You’ve done a lot of on-the-ground, public advocacy work. Have you encountered any challenges or tensions in bringing this work together with your research?
With a lot of the work in terms of technology abuse, you need to learn from what people are experiencing, how they understand the technology, what's going to help them figure it out. And that work is often client centered, so they're driving it. I can develop something that might be very useful, but if it's not right for a population, or people don't want to use it or it's not what they're looking for, then there's a mismatch. So I try to pay close attention to delivering tools and services that can be helpful to both the research community as well as people that I'm working with.
I would say that the challenge is just in terms of timelines. It takes a long time to do that kind of work, both seeking IRB [Institutional Review Board] approval for working with survivors or people dealing with difficult situations, and you're working around people's lives and schedules and things of that nature. So, it just takes a little bit longer than working with a data set, for example.
I look at my work very much in terms of ecosystems. I work with a lot of at-risk groups, you know, [and imagine a member of an at-risk group] as the center of an ecosystem and ask: who else is that person interacting with?
I try to go into the place that that person is. Not literally, but in the sense of understanding the problem from their perspective, from their ecosystem.
I really like that word, ecosystems. I've done a little bit of work on values in science, namely concerned with the championing of objectivity in science. I think that when people try to promote objectivity as the sole value in science, they often end up doing this thing where they envision objectivity as you have the scientist looking down upon the world. It seems like the ecosystems approach subverts that very intentionally, and asks, instead of this one-directional researcher’s gaze looking down at the target population, what would it look like to not look down, but to kind of look outward almost? Does that seem right?
Yes, because for the work that I do, it's always trying to understand what's going on in the ecosystem. So if I'm looking at it from a survivor's perspective, part of what I'm learning about is what is of concern to the [abuse] survivor. If they're trying to receive support from an advocate [but] there might be an abuser or attacker that's trying to oppose that effort, they might feel like their location is being tracked. We might be trying to solve that, but it might not be safe to do so. And so you need to understand, as a researcher, how to work in ways that are focused on safety. And so I work closely to make sure that my work is not only aligning with the needs of the survivor, but doing everything safely, making sure all the checks and balances are there.

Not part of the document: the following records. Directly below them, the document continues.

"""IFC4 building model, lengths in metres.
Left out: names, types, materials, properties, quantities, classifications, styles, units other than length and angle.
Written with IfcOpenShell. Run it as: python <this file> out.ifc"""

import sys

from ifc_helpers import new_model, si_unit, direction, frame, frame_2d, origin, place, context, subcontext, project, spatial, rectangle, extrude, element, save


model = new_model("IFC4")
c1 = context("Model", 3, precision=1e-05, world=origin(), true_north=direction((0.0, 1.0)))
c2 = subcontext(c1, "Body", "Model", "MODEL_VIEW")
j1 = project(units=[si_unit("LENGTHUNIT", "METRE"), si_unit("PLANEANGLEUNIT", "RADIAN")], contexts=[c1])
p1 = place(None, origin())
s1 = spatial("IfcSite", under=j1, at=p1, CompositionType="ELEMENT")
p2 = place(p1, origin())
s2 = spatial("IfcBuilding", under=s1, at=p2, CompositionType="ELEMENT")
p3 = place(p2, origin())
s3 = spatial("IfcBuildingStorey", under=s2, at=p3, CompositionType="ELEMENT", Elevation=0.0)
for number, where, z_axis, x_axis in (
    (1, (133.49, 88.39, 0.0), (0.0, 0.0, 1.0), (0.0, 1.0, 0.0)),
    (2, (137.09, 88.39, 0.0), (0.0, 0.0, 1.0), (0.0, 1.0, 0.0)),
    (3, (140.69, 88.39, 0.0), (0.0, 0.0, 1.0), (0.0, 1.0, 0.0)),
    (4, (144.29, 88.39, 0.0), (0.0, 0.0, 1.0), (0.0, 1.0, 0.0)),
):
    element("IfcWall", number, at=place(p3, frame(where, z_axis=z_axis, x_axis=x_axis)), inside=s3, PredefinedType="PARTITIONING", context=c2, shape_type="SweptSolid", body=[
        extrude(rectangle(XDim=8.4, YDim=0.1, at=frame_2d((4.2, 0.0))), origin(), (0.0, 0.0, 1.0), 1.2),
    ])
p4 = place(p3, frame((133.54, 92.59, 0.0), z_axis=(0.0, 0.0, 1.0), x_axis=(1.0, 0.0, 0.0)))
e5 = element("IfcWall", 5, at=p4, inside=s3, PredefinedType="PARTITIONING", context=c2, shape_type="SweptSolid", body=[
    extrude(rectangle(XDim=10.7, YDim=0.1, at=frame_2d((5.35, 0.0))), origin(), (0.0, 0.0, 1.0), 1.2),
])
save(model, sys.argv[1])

Most of my research is from a multi-stakeholder perspective. If I'm working with children and need to understand if they're in social services or there are parents or people of concern in their lives, I need to ask what the schools are doing. I take into account a lot of different factors to try to figure out how these different stakeholders or communities that they're interacting with might impact a tech safety issue.
Interviewer
Erica Bigelow is a Philosophy Ph.D. student at the University of Washington in Seattle. During the summer of 2023, she interned with the Berkman Klein Center’s communications team and the Cyberlaw Clinic. Her research interests include feminist philosophy, disability, emotions, and social epistemology.